Basics of the Beam model
Suppose you have a data processing engine that can pretty easily process graphs of operations. You want to integrate it with the Beam ecosystem to get access to other languages, great event time processing, and a library of connectors. You need to know the core vocabulary:
- Pipeline - A pipeline is a graph of transformations that a user constructs that defines the data processing they want to do.
- PCollection - Data being processed in a pipeline is part of a PCollection.
- PTransforms - The operations executed within a pipeline.
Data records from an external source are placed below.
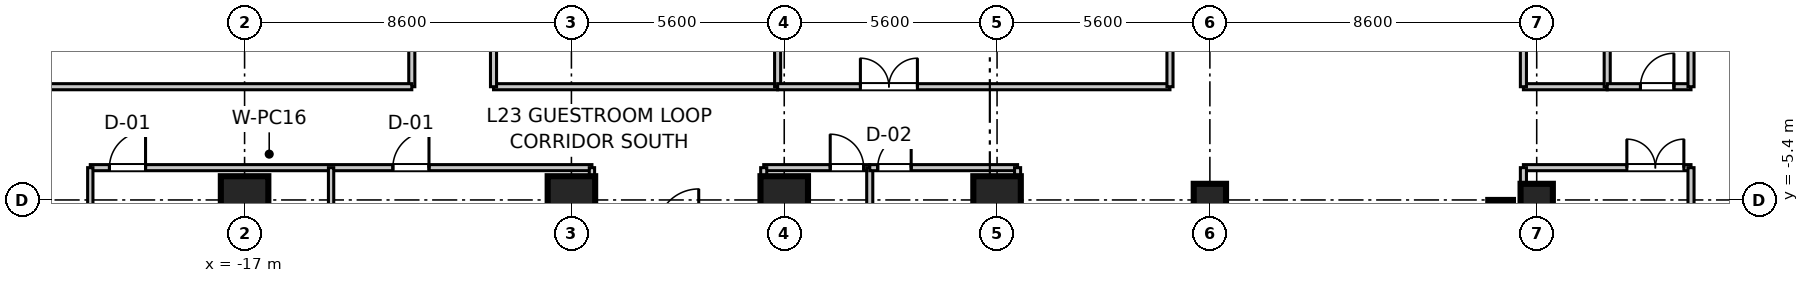
"""IFC4 building model, lengths in metres.
Left out: names, types, materials, properties, quantities, classifications, styles, units other than length and angle.
Written with IfcOpenShell. Run it as: python <this file> out.ifc"""

import sys

from ifc_helpers import new_model, si_unit, direction, frame, frame_2d, origin, origin_2d, place, context, subcontext, project, spatial, rectangle, extrude, source, transform, mapped, element, fill, save


model = new_model("IFC4")
c1 = context("Model", 3, precision=1e-05, world=origin(), true_north=direction((0.0, 1.0)))
c2 = subcontext(c1, "Body", "Model", "MODEL_VIEW")
j1 = project(units=[si_unit("LENGTHUNIT", "METRE"), si_unit("PLANEANGLEUNIT", "RADIAN")], contexts=[c1])
p1 = place(None, origin())
s1 = spatial("IfcSite", under=j1, at=p1, CompositionType="ELEMENT")
p2 = place(p1, origin())
s2 = spatial("IfcBuilding", under=s1, at=p2, CompositionType="ELEMENT")
p3 = place(p2, frame((0.0, 0.0, 95.6)))
s3 = spatial("IfcBuildingStorey", under=s2, at=p3, CompositionType="ELEMENT", Elevation=95.6)
m1 = source(origin(), c2, "Body", "SweptSolid", [
    extrude(rectangle(XDim=1.25, YDim=1.25, at=origin_2d()), origin(), (0.0, 0.0, 1.0), 3.605),
])
for number, where, z_axis, x_axis in (
    (1, (-17.0, -5.4, 0.0), (0.0, 0.0, 1.0), (1.0, 0.0, 0.0)),
    (2, (-8.4, -5.4, 0.0), (0.0, 0.0, 1.0), (1.0, 0.0, 0.0)),
    (3, (-2.8, -5.4, 0.0), (0.0, 0.0, 1.0), (1.0, 0.0, 0.0)),
    (4, (2.8, -5.4, 0.0), (0.0, 0.0, 1.0), (1.0, 0.0, 0.0)),
):
    element("IfcColumn", number, at=place(p3, frame(where, z_axis=z_axis, x_axis=x_axis)), inside=s3, PredefinedType="COLUMN", context=c2, shape_type="MappedRepresentation", body=[
        mapped(m1, transform((0.0, 0.0, 0.0), scale=1.0)),
    ])
m2 = source(origin(), c2, "Body", "SweptSolid", [
    extrude(rectangle(XDim=0.85, YDim=0.85, at=origin_2d()), origin(), (0.0, 0.0, 1.0), 3.605),
])
for number, where, z_axis, x_axis in (
    (5, (8.4, -5.4, 0.0), (0.0, 0.0, 1.0), (1.0, 0.0, 0.0)),
    (6, (17.0, -5.4, 0.0), (0.0, 0.0, 1.0), (1.0, 0.0, 0.0)),
):
    element("IfcColumn", number, at=place(p3, frame(where, z_axis=z_axis, x_axis=x_axis)), inside=s3, PredefinedType="PILASTER", context=c2, shape_type="MappedRepresentation", body=[
        mapped(m2, transform((0.0, 0.0, 0.0), scale=1.0)),
    ])
m3 = source(origin(), c2, "Body", "SweptSolid", [
    extrude(rectangle(XDim=11.6, YDim=0.65, at=frame_2d((5.8, 0.0))), origin(), (0.0, 0.0, 1.0), 3.38),
])
p4 = place(p3, frame((16.05, -17.0, 0.0), z_axis=(0.0, 0.0, 1.0), x_axis=(0.0, 1.0, 0.0)))
e7 = element("IfcWall", 7, at=p4, inside=s3, PredefinedType="SHEAR", context=c2, shape_type="MappedRepresentation", body=[
    mapped(m3, transform((0.0, 0.0, 0.0), scale=1.0)),
])
m4 = source(origin(), c2, "Body", "SweptSolid", [
    extrude(rectangle(XDim=4.41, YDim=0.16, at=frame_2d((2.205, 0.0))), origin(), (0.0, 0.0, 1.0), 2.72),
])
p5 = place(p3, frame((16.65, -4.55, 0.0), z_axis=(0.0, 0.0, 1.0), x_axis=(1.0, 0.0, 0.0)))
e8 = element("IfcWall", 8, at=p5, inside=s3, PredefinedType="PARTITIONING", context=c2, shape_type="MappedRepresentation", body=[
    mapped(m4, transform((0.0, 0.0, 0.0), scale=1.0)),
])
p6 = place(p5, frame((2.722, 0.0, 0.0)))
e9 = element("IfcOpeningElement", 9, at=p6, cuts=e8, PredefinedType="OPENING", context=c2, shape_type="SweptSolid", body=[
    extrude(rectangle(XDim=1.5, YDim=2.15, at=frame_2d((0.75, 1.075))), frame((0.0, 0.09, 0.0), z_axis=(0.0, -1.0, 0.0), x_axis=(1.0, 0.0, 0.0)), (0.0, 0.0, 1.0), 0.18),
])
m5 = source(origin(), c2, "Body", "SweptSolid", [
    extrude(rectangle(XDim=19.25, YDim=0.16, at=frame_2d((9.625, 0.0))), origin(), (0.0, 0.0, 1.0), 2.72),
])
p7 = place(p3, frame((16.65, -23.8, 0.0), z_axis=(0.0, 0.0, 1.0), x_axis=(0.0, 1.0, 0.0)))
e10 = element("IfcWall", 10, at=p7, inside=s3, PredefinedType="PARTITIONING", context=c2, shape_type="MappedRepresentation", body=[
    mapped(m5, transform((0.0, 0.0, 0.0), scale=1.0)),
])
m6 = source(origin(), c2, "Body", "SweptSolid", [
    extrude(rectangle(XDim=17.83, YDim=0.16, at=frame_2d((8.915, 0.0))), origin(), (0.0, 0.0, 1.0), 2.72),
])
p8 = place(p3, frame((21.06, -22.38, 0.0), z_axis=(0.0, 0.0, 1.0), x_axis=(0.0, 1.0, 0.0)))
e11 = element("IfcWall", 11, at=p8, inside=s3, PredefinedType="PARTITIONING", context=c2, shape_type="MappedRepresentation", body=[
    mapped(m6, transform((0.0, 0.0, 0.0), scale=1.0)),
])
m7 = source(origin(), c2, "Body", "SweptSolid", [
    extrude(rectangle(XDim=13.2, YDim=0.16, at=frame_2d((6.6, 0.0))), origin(), (0.0, 0.0, 1.0), 2.72),
])
p9 = place(p3, frame((-21.06, -4.55, 0.0), z_axis=(0.0, 0.0, 1.0), x_axis=(1.0, 0.0, 0.0)))
e12 = element("IfcWall", 12, at=p9, inside=s3, PredefinedType="PARTITIONING", context=c2, shape_type="MappedRepresentation", body=[
    mapped(m7, transform((0.0, 0.0, 0.0), scale=1.0)),
])
p10 = place(p9, frame((0.504, 0.0, 0.0)))
e13 = element("IfcOpeningElement", 13, at=p10, cuts=e12, PredefinedType="OPENING", context=c2, shape_type="SweptSolid", body=[
    extrude(rectangle(XDim=0.95, YDim=2.1, at=frame_2d((0.475, 1.05))), frame((0.0, 0.09, 0.0), z_axis=(0.0, -1.0, 0.0), x_axis=(1.0, 0.0, 0.0)), (0.0, 0.0, 1.0), 0.18),
])
p11 = place(p9, frame((7.962, 0.0, 0.0)))
e14 = element("IfcOpeningElement", 14, at=p11, cuts=e12, PredefinedType="OPENING", context=c2, shape_type="SweptSolid", body=[
    extrude(rectangle(XDim=0.95, YDim=2.1, at=frame_2d((0.475, 1.05))), frame((0.0, 0.09, 0.0), z_axis=(0.0, -1.0, 0.0), x_axis=(1.0, 0.0, 0.0)), (0.0, 0.0, 1.0), 0.18),
])
m8 = source(origin(), c2, "Body", "SweptSolid", [
    extrude(rectangle(XDim=17.83, YDim=0.14, at=frame_2d((8.915, 0.0))), origin(), (0.0, 0.0, 1.0), 2.72),
])
p12 = place(p3, frame((-21.06, -22.38, 0.0), z_axis=(0.0, 0.0, 1.0), x_axis=(0.0, 1.0, 0.0)))
e15 = element("IfcWall", 15, at=p12, inside=s3, PredefinedType="PARTITIONING", context=c2, shape_type="MappedRepresentation", body=[
    mapped(m8, transform((0.0, 0.0, 0.0), scale=1.0)),
])
m9 = source(origin(), c2, "Body", "SweptSolid", [
    extrude(rectangle(XDim=19.25, YDim=0.14, at=frame_2d((9.625, 0.0))), origin(), (0.0, 0.0, 1.0), 2.72),
])
for number, where, z_axis, x_axis in (
    (16, (-7.86, -23.8, 0.0), (0.0, 0.0, 1.0), (0.0, 1.0, 0.0)),
    (17, (-14.724, -23.8, 0.0), (0.0, 0.0, 1.0), (0.0, 1.0, 0.0)),
):
    element("IfcWall", number, at=place(p3, frame(where, z_axis=z_axis, x_axis=x_axis)), inside=s3, PredefinedType="PARTITIONING", context=c2, shape_type="MappedRepresentation", body=[
        mapped(m9, transform((0.0, 0.0, 0.0), scale=1.0)),
    ])
m10 = source(origin(), c2, "Body", "SweptSolid", [
    extrude(rectangle(XDim=2.79, YDim=0.16, at=frame_2d((1.395, 0.0))), origin(), (0.0, 0.0, 1.0), 2.72),
])
p13 = place(p3, frame((-3.34, -4.55, 0.0), z_axis=(0.0, 0.0, 1.0), x_axis=(1.0, 0.0, 0.0)))
e18 = element("IfcWall", 18, at=p13, inside=s3, PredefinedType="PARTITIONING", context=c2, shape_type="MappedRepresentation", body=[
    mapped(m10, transform((0.0, 0.0, 0.0), scale=1.0)),
])
p14 = place(p13, frame((1.75, 0.0, 0.0)))
e19 = element("IfcOpeningElement", 19, at=p14, cuts=e18, PredefinedType="OPENING", context=c2, shape_type="SweptSolid", body=[
    extrude(rectangle(XDim=0.88, YDim=2.1, at=frame_2d((0.44, 1.05))), frame((0.0, 0.09, 0.0), z_axis=(0.0, -1.0, 0.0), x_axis=(1.0, 0.0, 0.0)), (0.0, 0.0, 1.0), 0.18),
])
for number, where, z_axis, x_axis in (
    (20, (-3.34, -23.8, 0.0), (0.0, 0.0, 1.0), (0.0, 1.0, 0.0)),
    (21, (-0.55, -23.8, 0.0), (0.0, 0.0, 1.0), (0.0, 1.0, 0.0)),
):
    element("IfcWall", number, at=place(p3, frame(where, z_axis=z_axis, x_axis=x_axis)), inside=s3, PredefinedType="PARTITIONING", context=c2, shape_type="MappedRepresentation", body=[
        mapped(m5, transform((0.0, 0.0, 0.0), scale=1.0)),
    ])
m11 = source(origin(), c2, "Body", "SweptSolid", [
    extrude(rectangle(XDim=3.89, YDim=0.16, at=frame_2d((1.945, 0.0))), origin(), (0.0, 0.0, 1.0), 2.72),
])
p15 = place(p3, frame((-0.55, -4.55, 0.0), z_axis=(0.0, 0.0, 1.0), x_axis=(1.0, 0.0, 0.0)))
e22 = element("IfcWall", 22, at=p15, inside=s3, PredefinedType="PARTITIONING", context=c2, shape_type="MappedRepresentation", body=[
    mapped(m11, transform((0.0, 0.0, 0.0), scale=1.0)),
])
p16 = place(p15, frame((0.21, 0.0, 0.0)))
e23 = element("IfcOpeningElement", 23, at=p16, cuts=e22, PredefinedType="OPENING", context=c2, shape_type="SweptSolid", body=[
    extrude(rectangle(XDim=0.88, YDim=2.1, at=frame_2d((0.44, 1.05))), frame((0.0, 0.09, 0.0), z_axis=(0.0, -1.0, 0.0), x_axis=(1.0, 0.0, 0.0)), (0.0, 0.0, 1.0), 0.18),
])
p17 = place(p3, frame((3.34, -23.8, 0.0), z_axis=(0.0, 0.0, 1.0), x_axis=(0.0, 1.0, 0.0)))
e24 = element("IfcWall", 24, at=p17, inside=s3, PredefinedType="PARTITIONING", context=c2, shape_type="MappedRepresentation", body=[
    mapped(m5, transform((0.0, 0.0, 0.0), scale=1.0)),
])
m12 = source(origin(), c2, "Body", "SweptSolid", [
    extrude(rectangle(XDim=4.84, YDim=0.16, at=frame_2d((2.42, 0.0))), origin(), (0.0, 0.0, 1.0), 2.72),
])
p18 = place(p3, frame((-12.6, -2.42, 0.0), z_axis=(0.0, 0.0, 1.0), x_axis=(0.0, 1.0, 0.0)))
e25 = element("IfcWall", 25, at=p18, inside=s3, PredefinedType="PARTITIONING", context=c2, shape_type="MappedRepresentation", body=[
    mapped(m12, transform((0.0, 0.0, 0.0), scale=1.0)),
])
m13 = source(origin(), c2, "Body", "SweptSolid", [
    extrude(rectangle(XDim=11.2, YDim=0.16, at=frame_2d((5.6, 0.0))), origin(), (0.0, 0.0, 1.0), 2.72),
])
p19 = place(p3, frame((-23.8, -2.42, 0.0), z_axis=(0.0, 0.0, 1.0), x_axis=(1.0, 0.0, 0.0)))
e26 = element("IfcWall", 26, at=p19, inside=s3, PredefinedType="PARTITIONING", context=c2, shape_type="MappedRepresentation", body=[
    mapped(m13, transform((0.0, 0.0, 0.0), scale=1.0)),
])
m14 = source(origin(), c2, "Body", "SweptSolid", [
    extrude(rectangle(XDim=7.476, YDim=0.16, at=frame_2d((3.738, 0.0))), origin(), (0.0, 0.0, 1.0), 2.72),
])
p20 = place(p3, frame((-10.45, -2.42, 0.0), z_axis=(0.0, 0.0, 1.0), x_axis=(1.0, 0.0, 0.0)))
e27 = element("IfcWall", 27, at=p20, inside=s3, PredefinedType="PARTITIONING", context=c2, shape_type="MappedRepresentation", body=[
    mapped(m14, transform((0.0, 0.0, 0.0), scale=1.0)),
])
for number, where, z_axis, x_axis in (
    (28, (-10.45, -2.42, 0.0), (0.0, 0.0, 1.0), (0.0, 1.0, 0.0)),
    (29, (-2.974, -2.42, 0.0), (0.0, 0.0, 1.0), (0.0, 1.0, 0.0)),
):
    element("IfcWall", number, at=place(p3, frame(where, z_axis=z_axis, x_axis=x_axis)), inside=s3, PredefinedType="PARTITIONING", context=c2, shape_type="MappedRepresentation", body=[
        mapped(m12, transform((0.0, 0.0, 0.0), scale=1.0)),
    ])
m15 = source(origin(), c2, "Body", "SweptSolid", [
    extrude(rectangle(XDim=10.324, YDim=0.16, at=frame_2d((5.162, 0.0))), origin(), (0.0, 0.0, 1.0), 2.72),
])
p21 = place(p3, frame((-2.974, -2.42, 0.0), z_axis=(0.0, 0.0, 1.0), x_axis=(1.0, 0.0, 0.0)))
e30 = element("IfcWall", 30, at=p21, inside=s3, PredefinedType="PARTITIONING", context=c2, shape_type="MappedRepresentation", body=[
    mapped(m15, transform((0.0, 0.0, 0.0), scale=1.0)),
])
p22 = place(p21, frame((2.178, 0.0, 0.0)))
e31 = element("IfcOpeningElement", 31, at=p22, cuts=e30, PredefinedType="OPENING", context=c2, shape_type="SweptSolid", body=[
    extrude(rectangle(XDim=1.5, YDim=2.15, at=frame_2d((0.75, 1.075))), frame((0.0, 0.09, 0.0), z_axis=(0.0, -1.0, 0.0), x_axis=(1.0, 0.0, 0.0)), (0.0, 0.0, 1.0), 0.18),
])
p23 = place(p3, frame((7.35, -2.42, 0.0), z_axis=(0.0, 0.0, 1.0), x_axis=(0.0, 1.0, 0.0)))
e32 = element("IfcWall", 32, at=p23, inside=s3, PredefinedType="PARTITIONING", context=c2, shape_type="MappedRepresentation", body=[
    mapped(m12, transform((0.0, 0.0, 0.0), scale=1.0)),
])
m16 = source(origin(), c2, "Body", "SweptSolid", [
    extrude(rectangle(XDim=2.205, YDim=0.16, at=frame_2d((1.103, 0.0))), origin(), (0.0, 0.0, 1.0), 2.72),
])
p24 = place(p3, frame((16.65, -2.42, 0.0), z_axis=(0.0, 0.0, 1.0), x_axis=(1.0, 0.0, 0.0)))
e33 = element("IfcWall", 33, at=p24, inside=s3, PredefinedType="PARTITIONING", context=c2, shape_type="MappedRepresentation", body=[
    mapped(m16, transform((0.0, 0.0, 0.0), scale=1.0)),
])
for number, where, z_axis, x_axis in (
    (34, (16.65, -2.42, 0.0), (0.0, 0.0, 1.0), (0.0, 1.0, 0.0)),
    (35, (18.855, -2.42, 0.0), (0.0, 0.0, 1.0), (0.0, 1.0, 0.0)),
):
    element("IfcWall", number, at=place(p3, frame(where, z_axis=z_axis, x_axis=x_axis)), inside=s3, PredefinedType="PARTITIONING", context=c2, shape_type="MappedRepresentation", body=[
        mapped(m12, transform((0.0, 0.0, 0.0), scale=1.0)),
    ])
p25 = place(p3, frame((18.855, -2.42, 0.0), z_axis=(0.0, 0.0, 1.0), x_axis=(1.0, 0.0, 0.0)))
e36 = element("IfcWall", 36, at=p25, inside=s3, PredefinedType="PARTITIONING", context=c2, shape_type="MappedRepresentation", body=[
    mapped(m16, transform((0.0, 0.0, 0.0), scale=1.0)),
])
p26 = place(p25, frame((0.875, 0.0, 0.0)))
e37 = element("IfcOpeningElement", 37, at=p26, cuts=e36, PredefinedType="OPENING", context=c2, shape_type="SweptSolid", body=[
    extrude(rectangle(XDim=0.88, YDim=2.1, at=frame_2d((0.44, 1.05))), frame((0.0, 0.09, 0.0), z_axis=(0.0, -1.0, 0.0), x_axis=(1.0, 0.0, 0.0)), (0.0, 0.0, 1.0), 0.18),
])
p27 = place(p3, frame((21.06, -2.42, 0.0), z_axis=(0.0, 0.0, 1.0), x_axis=(0.0, 1.0, 0.0)))
e38 = element("IfcWall", 38, at=p27, inside=s3, PredefinedType="PARTITIONING", context=c2, shape_type="MappedRepresentation", body=[
    mapped(m12, transform((0.0, 0.0, 0.0), scale=1.0)),
])
m17 = source(origin(), c2, "Body", "SweptSolid", [
    extrude(rectangle(XDim=1.5, YDim=2.15, at=frame_2d((0.75, 1.075))), frame((0.0, 0.025, 0.0), z_axis=(0.0, -1.0, 0.0), x_axis=(1.0, 0.0, 0.0)), (0.0, 0.0, 1.0), 0.05),
])
p28 = place(p6, frame((1.5, 0.0, 0.0), z_axis=(0.0, 0.0, 1.0), x_axis=(-1.0, 0.0, 0.0)))
e39 = element("IfcDoor", 39, at=p28, inside=s3, OperationType="DOUBLE_DOOR_SINGLE_SWING", PredefinedType="DOOR", context=c2, shape_type="MappedRepresentation", body=[
    mapped(m17, transform((0.0, 0.0, 0.0), scale=1.0)),
])
fill(e9, e39)
m18 = source(origin(), c2, "Body", "SweptSolid", [
    extrude(rectangle(XDim=0.95, YDim=2.1, at=frame_2d((0.475, 1.05))), frame((0.0, 0.025, 0.0), z_axis=(0.0, -1.0, 0.0), x_axis=(1.0, 0.0, 0.0)), (0.0, 0.0, 1.0), 0.05),
])
p29 = place(p10, frame((0.95, 0.0, 0.0), z_axis=(0.0, 0.0, 1.0), x_axis=(-1.0, 0.0, 0.0)))
e40 = element("IfcDoor", 40, at=p29, inside=s3, OperationType="SINGLE_SWING_RIGHT", PredefinedType="DOOR", context=c2, shape_type="MappedRepresentation", body=[
    mapped(m18, transform((0.0, 0.0, 0.0), scale=1.0)),
])
fill(e13, e40)
p30 = place(p11, frame((0.95, 0.0, 0.0), z_axis=(0.0, 0.0, 1.0), x_axis=(-1.0, 0.0, 0.0)))
e41 = element("IfcDoor", 41, at=p30, inside=s3, OperationType="SINGLE_SWING_RIGHT", PredefinedType="DOOR", context=c2, shape_type="MappedRepresentation", body=[
    mapped(m18, transform((0.0, 0.0, 0.0), scale=1.0)),
])
fill(e14, e41)
m19 = source(origin(), c2, "Body", "SweptSolid", [
    extrude(rectangle(XDim=0.88, YDim=2.1, at=frame_2d((0.44, 1.05))), frame((0.0, 0.025, 0.0), z_axis=(0.0, -1.0, 0.0), x_axis=(1.0, 0.0, 0.0)), (0.0, 0.0, 1.0), 0.05),
])
p31 = place(p14, frame((0.88, 0.0, 0.0), z_axis=(0.0, 0.0, 1.0), x_axis=(-1.0, 0.0, 0.0)))
e42 = element("IfcDoor", 42, at=p31, inside=s3, OperationType="SINGLE_SWING_LEFT", PredefinedType="DOOR", context=c2, shape_type="MappedRepresentation", body=[
    mapped(m19, transform((0.0, 0.0, 0.0), scale=1.0)),
])
fill(e19, e42)
p32 = place(p16, frame((0.88, 0.0, 0.0), z_axis=(0.0, 0.0, 1.0), x_axis=(-1.0, 0.0, 0.0)))
e43 = element("IfcDoor", 43, at=p32, inside=s3, OperationType="SINGLE_SWING_RIGHT", PredefinedType="DOOR", context=c2, shape_type="MappedRepresentation", body=[
    mapped(m19, transform((0.0, 0.0, 0.0), scale=1.0)),
])
fill(e23, e43)
p33 = place(p22, origin())
e44 = element("IfcDoor", 44, at=p33, inside=s3, OperationType="DOUBLE_DOOR_SINGLE_SWING", PredefinedType="DOOR", context=c2, shape_type="MappedRepresentation", body=[
    mapped(m17, transform((0.0, 0.0, 0.0), scale=1.0)),
])
fill(e31, e44)
p34 = place(p26, origin())
e45 = element("IfcDoor", 45, at=p34, inside=s3, OperationType="SINGLE_SWING_RIGHT", PredefinedType="DOOR", context=c2, shape_type="MappedRepresentation", body=[
    mapped(m19, transform((0.0, 0.0, 0.0), scale=1.0)),
])
fill(e37, e45)
save(model, sys.argv[1])

These are best thought of as operations on PCollections.
- SDK - A language-specific library for pipeline authors (we often call them “users” even though we have many kinds of users) to build transforms, construct their pipelines and submit them to a runner
- Runner - You are going to write a piece of software called a runner that takes a Beam pipeline and executes it using the capabilities of your data processing engine.
These concepts may be very similar to your processing engine’s concepts. Since Beam’s design is for cross-language operation and reusable libraries of transforms, there are some special features worth highlighting.
A pipeline in Beam is a graph of PTransforms operating on PCollections. A pipeline is constructed by a user in their SDK of choice, and makes its way to your runner either via the SDK directly or via the Runner API’s RPC interfaces.
PTransform represents a data processing operation, or a step,
in your pipeline. A
PTransform can be applied to one or more
PCollection objects as input which performs some processing on the elements of that
PCollection and produces zero or more output
A PCollection is an unordered bag of elements. Your runner will be responsible for storing these elements. There are some major aspects of a PCollection to note:
Bounded vs Unbounded
A PCollection may be bounded or unbounded.
- Bounded - it is finite and you know it, as in batch use cases
- Unbounded - it may be never end, you don’t know, as in streaming use cases
These derive from the intuitions of batch and stream processing, but the two are unified in Beam and bounded and unbounded PCollections can coexist in the same pipeline. If your runner can only support bounded PCollections, you’ll need to reject pipelines that contain unbounded PCollections. If your runner is only really targeting streams, there are adapters in our support code to convert everything to APIs targeting unbounded data.
Every element in a PCollection has a timestamp associated with it.
When you execute a primitive connector to some storage system, that connector is responsible for providing initial timestamps. Your runner will need to propagate and aggregate timestamps. If the timestamp is not important, as with certain batch processing jobs where elements do not denote events, they will be the minimum representable timestamp, often referred to colloquially as “negative infinity”.
Every PCollection has to have a watermark that estimates how complete the PCollection is.
The watermark is a guess that “we’ll never see an element with an earlier timestamp”. Sources of data are responsible for producing a watermark. Your runner needs to implement watermark propagation as PCollections are processed, merged, and partitioned.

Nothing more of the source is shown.